The Revolution’s Doogie Houser


By all accounts, Dr. Robert Johnston, who is related to my daughter-in-law, led an interesting life at an interesting time. At the age of 10, he began attending the College of Philadelphia. Founded by Benjamin Franklin, it focused on preparing students for lives of business and public service. To graduate, students had to face a public examination by members of the board of trustees. Robert was quizzed by Ben Franklin himself.

After graduation, Robert continued his education, focusing on medical training. Following the completion of those studies, he was recommended for service in the Pennsylvania Militia as a surgeon. He served during the failed attempt to take the British-held Quebec City during the Revolutionary War. As the repelled American troops retreated, Johnston was near the front, treating the wounded from his regiment.

He was then chosen to be the Assistant Deputy Director of Hospitals in the Northern Department where he served til nearly the end of the war. Afterwards, he was appointed deputy purveyor for the military hospital of the Southern Department and put in charge of purchasing and acquisition of all goods.
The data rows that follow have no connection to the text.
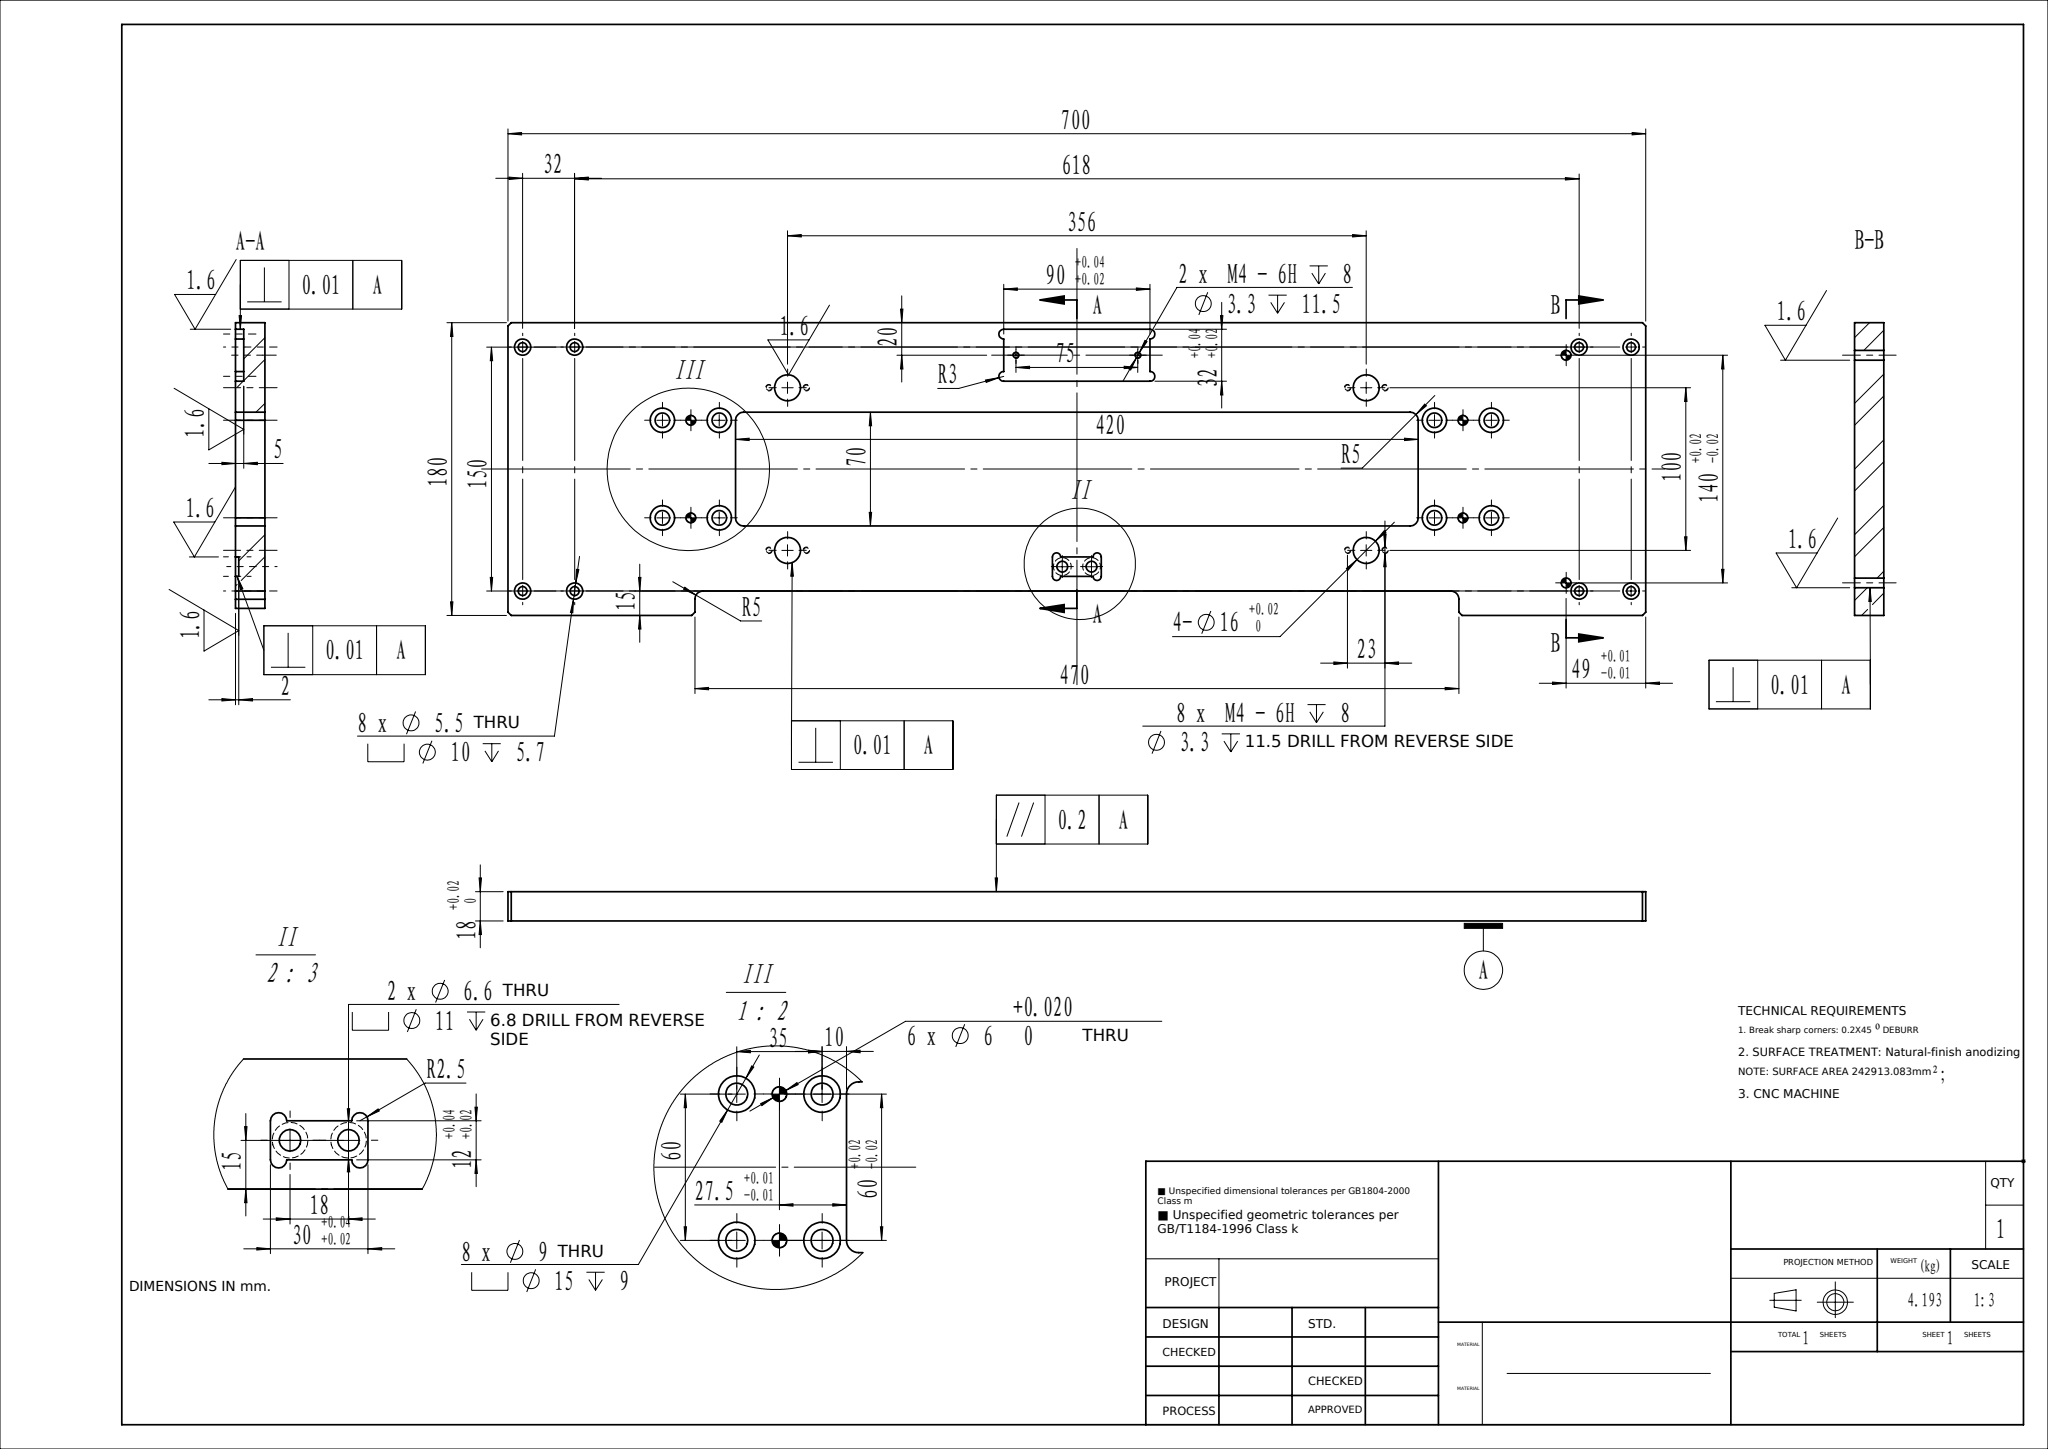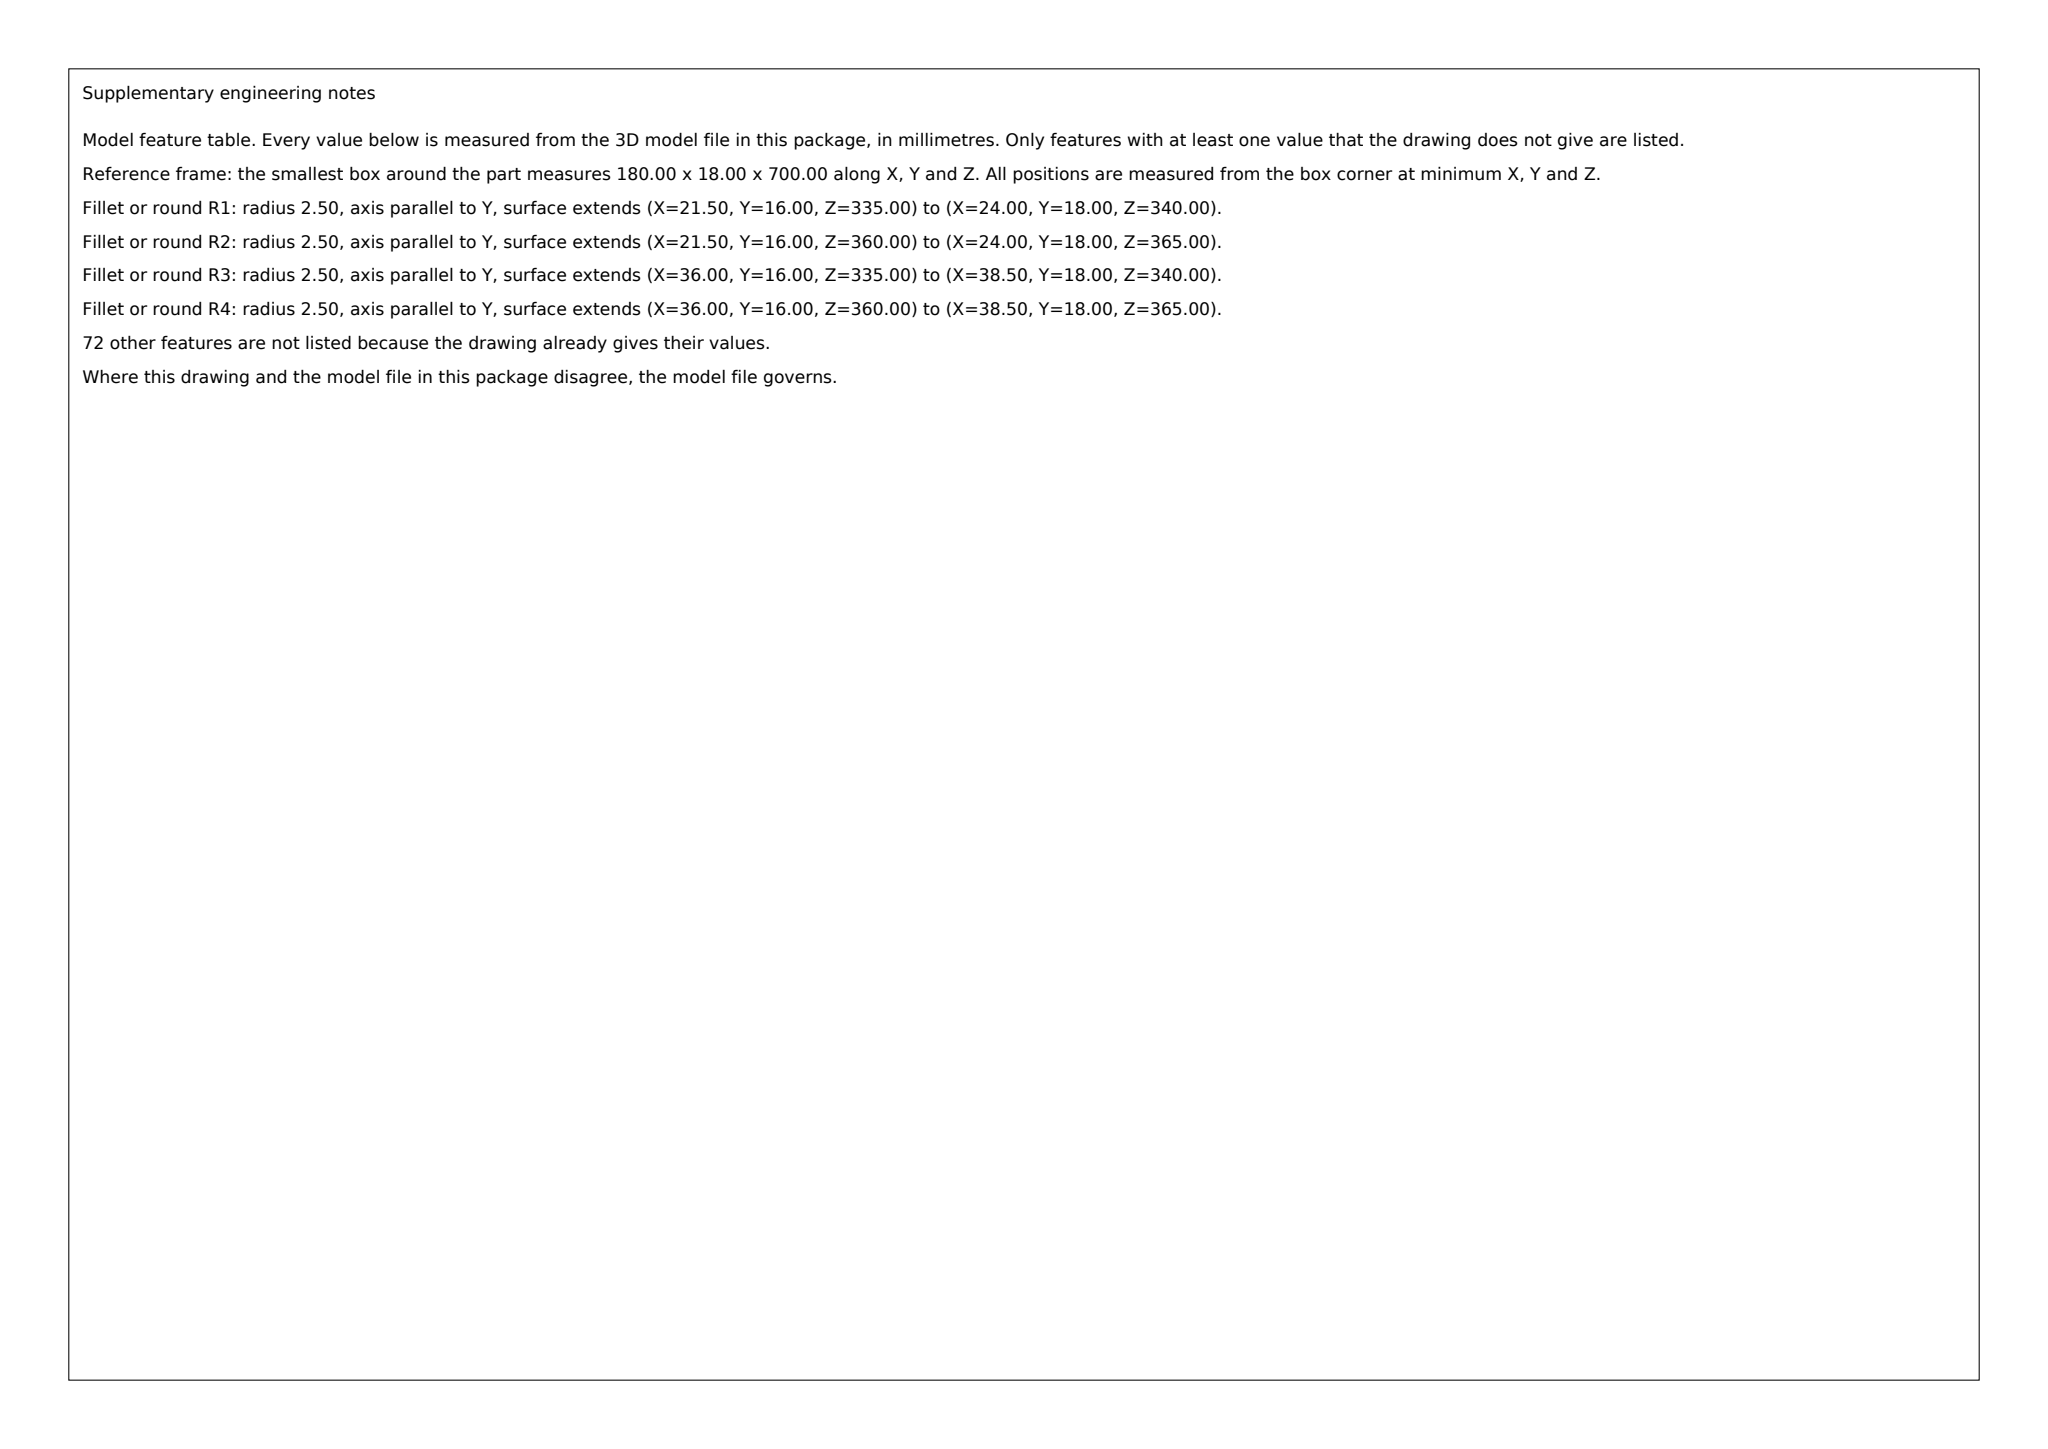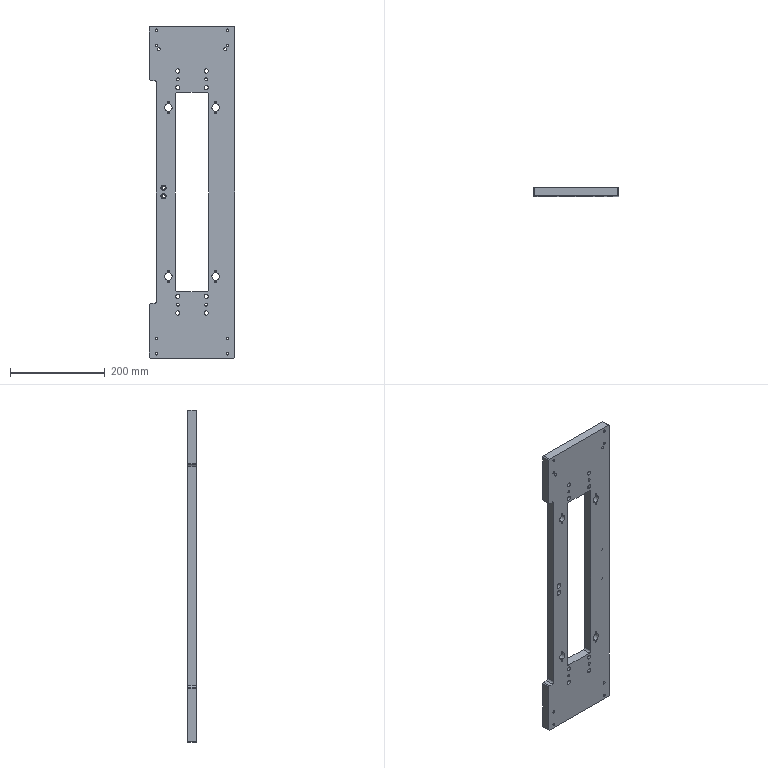Part | SolidWorks | mm | 1 solid | 196 faces | box 180 x 18 x 700 mm | volume 1553095 mm3 | cylinder 128 | plane 48 | cone 20 | commonest cylinder face diameters 10 x22 3.3 x20 6 x18 5.5 x16 15 x16 9 x16 16 x8 11 x4
build123d program:
from build123d import *

# Parameters (mm, degrees)
SKETCH1_W                                            = 180
SKETCH1_H                                            = 700
BOSS_EXTRUDE1_DEPTH                                  = 18
HOLE_SIZE_ACCORDING_TO_THE_TYPE_OF_HEXAG_D           = 9
HOLE_SIZE_ACCORDING_TO_THE_TYPE_OF_HEXAG_CBORE_D     = 15
HOLE_SIZE_ACCORDING_TO_THE_TYPE_OF_HEXAG_CBORE_DEPTH = 9
SKETCH7_W                                            = 70
SKETCH7_H                                            = 420
CUT_EXTRUDE1_DEPTH                                   = 362.834
FILLET1_R                                            = 5
F_16_0_16_DIAMETER_HOLE1_D                           = 16
CIRPATTERN1_COUNT                                    = 2
SKETCH17_W                                           = 15
SKETCH17_H                                           = 470
CUT_EXTRUDE2_DEPTH                                   = 362.834
SKETCH18_R                                           = 3
SKETCH18_W                                           = 32
SKETCH18_H                                           = 90
CUT_EXTRUDE3_DEPTH                                   = 5
M4_TAPPED_HOLE2_D                                    = 3.3
M4_TAPPED_HOLE2_DEPTH                                = 11.5
M4_TAPPED_HOLE2_TIP                                  = 0.9914
CHAMFER1_SIZE                                        = 2
CHAMFER2_SIZE                                        = 2
FILLET2_R                                            = 5
HOLE_SIZE_ACCORDING_TO_THE_TYPE_OF_H_2_D             = 5.5
HOLE_SIZE_ACCORDING_TO_THE_TYPE_OF_H_2_CBORE_D       = 10
HOLE_SIZE_ACCORDING_TO_THE_TYPE_OF_H_2_CBORE_DEPTH   = 5.7
LPATTERN1_COUNT                                      = 2
LPATTERN1_PITCH                                      = 150
LPATTERN1_COUNT_DIR2                                 = 2
LPATTERN1_PITCH_DIR2                                 = 650
F_6_0_6_DIAMETER_HOLE2_D                             = 6
F_6_0_6_DIAMETER_HOLE3_D                             = 6
SKETCH34_R                                           = 2.5
SKETCH34_W                                           = 12
SKETCH34_H                                           = 30
CUT_EXTRUDE4_DEPTH                                   = 2
HOLE_SIZE_ACCORDING_TO_THE_TYPE_OF_H_3_D             = 6.6
HOLE_SIZE_ACCORDING_TO_THE_TYPE_OF_H_3_CBORE_D       = 11
HOLE_SIZE_ACCORDING_TO_THE_TYPE_OF_H_3_CBORE_DEPTH   = 6.8


with BuildPart() as part:
    # Sketch1 → Boss-Extrude1 (new body)
    with BuildSketch(Plane(origin=(0, 0, 0), x_dir=(1, 0, 0), z_dir=(0, 1, 0))):
        Rectangle(SKETCH1_W, SKETCH1_H)
    extrude(amount=BOSS_EXTRUDE1_DEPTH)

    # Hole Size according to the type of Hexag (through all)
    with Locations(Plane(origin=(0, 18, 0), x_dir=(1, 0, 0), z_dir=(0, 1, 0))):
        with Locations((-30, 255), (-30, 220), (30, 255), (30, 220), (-30, -220), (-30, -255), (30, -220), (30, -255)):
            CounterBoreHole(HOLE_SIZE_ACCORDING_TO_THE_TYPE_OF_HEXAG_D / 2, HOLE_SIZE_ACCORDING_TO_THE_TYPE_OF_HEXAG_CBORE_D / 2, HOLE_SIZE_ACCORDING_TO_THE_TYPE_OF_HEXAG_CBORE_DEPTH)

    # Sketch7 → Cut-Extrude1 (cut, through all)
    with BuildSketch(Plane(origin=(0, 18, 0), x_dir=(1, 0, 0), z_dir=(0, 1, 0))):
        Rectangle(SKETCH7_W, SKETCH7_H)
    extrude(amount=-CUT_EXTRUDE1_DEPTH, mode=Mode.SUBTRACT)

    # Fillet1
    fillet1_edges = [part.edges().sort_by_distance(p)[0] for p in [
        (35, 9, -210),
        (35, 9, 210),
        (-35, 9, 210),
        (-35, 9, -210),
    ]]
    fillet(fillet1_edges, radius=FILLET1_R)

    # 16.0 _16_ Diameter Hole1 (through all)
    with Locations(Plane(origin=(0, 18, 0), x_dir=(1, 0, 0), z_dir=(0, 1, 0))):
        with Locations((-50, 178), (50, 178), (-50, -178), (50, -178)):
            Hole(F_16_0_16_DIAMETER_HOLE1_D / 2)

    # Sketch13 → M4 Tapped Hole1 (revolve, cut)
    with BuildSketch(Plane(origin=(50, 0, -189.5), x_dir=(0, 0, -1), z_dir=(1, 0, 0))):
        Polygon((0, 0), (0, 12.491), (1.65, 11.5), (1.65, 0), align=None)
    m4_tapped_hole1 = revolve(axis=Axis((50, -6.35, -189.5), (0, 1, 0)), mode=Mode.SUBTRACT)

    # CirPattern1: M4 Tapped Hole1 ×2 about axis
    cirpattern1_axis = Axis((50, 0, -178), (0, 1, 0))
    for i in range(1, CIRPATTERN1_COUNT):
        add(m4_tapped_hole1.rotate(cirpattern1_axis, i * 360 / CIRPATTERN1_COUNT), mode=Mode.SUBTRACT)

    # Mirror1: M4 Tapped Hole1 across plane
    add(m4_tapped_hole1.mirror(Plane(origin=(0, 0, 0), x_dir=(0, 0, 1), z_dir=(1, 0, 0))), mode=Mode.SUBTRACT)

    # Mirror1 copy 1 sketch → Mirror1 copy 1 (revolve, cut)
    with BuildSketch(Plane(origin=(-50, 0, -166.5), x_dir=(0, 0, 1), z_dir=(1, 0, 0))):
        Polygon((0, 0), (0, -12.491), (1.65, -11.5), (1.65, 0), align=None)
    revolve(axis=Axis((-50, -6.35, -166.5), (0, -1, 0)), mode=Mode.SUBTRACT)

    # Mirror2: M4 Tapped Hole1 across plane
    add(m4_tapped_hole1.mirror(Plane.XY), mode=Mode.SUBTRACT)

    # Mirror2 copy 1 sketch → Mirror2 copy 1 (revolve, cut)
    with BuildSketch(Plane(origin=(50, 0, 166.5), x_dir=(0, 0, -1), z_dir=(-1, 0, 0))):
        Polygon((0, 0), (0, -12.491), (1.65, -11.5), (1.65, 0), align=None)
    revolve(axis=Axis((50, -6.35, 166.5), (0, -1, 0)), mode=Mode.SUBTRACT)

    # Mirror2 copy 2 sketch → Mirror2 copy 2 (revolve, cut)
    with BuildSketch(Plane(origin=(-50, 0, 189.5), x_dir=(0, 0, 1), z_dir=(-1, 0, 0))):
        Polygon((0, 0), (0, 12.491), (1.65, 11.5), (1.65, 0), align=None)
    revolve(axis=Axis((-50, -6.35, 189.5), (0, 1, 0)), mode=Mode.SUBTRACT)

    # Mirror2 copy 3 sketch → Mirror2 copy 3 (revolve, cut)
    with BuildSketch(Plane(origin=(-50, 0, 166.5), x_dir=(0, 0, -1), z_dir=(1, 0, 0))):
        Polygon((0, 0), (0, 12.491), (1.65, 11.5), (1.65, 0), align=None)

He apparently did so using his own funds as there are records of reimbursement requests he filed.

Following the war, he became involved in an unusual venture. Recruited by investors to try an open up China to American trade, he became the investors’ ginseng broker. Ginseng was a plant that was highly desirable to the Chinese and it happened to grow wild and in abundance in the Appalachians. Robert spent three months collecting as much ginseng as possible. In the end, he loaded The Empress of China, the boat to be used for the journey, with 57,687 pounds of it.  He traveled with it to China where he sold the entire lot for $5 a pound which equated to a 500 – 600 percent profit.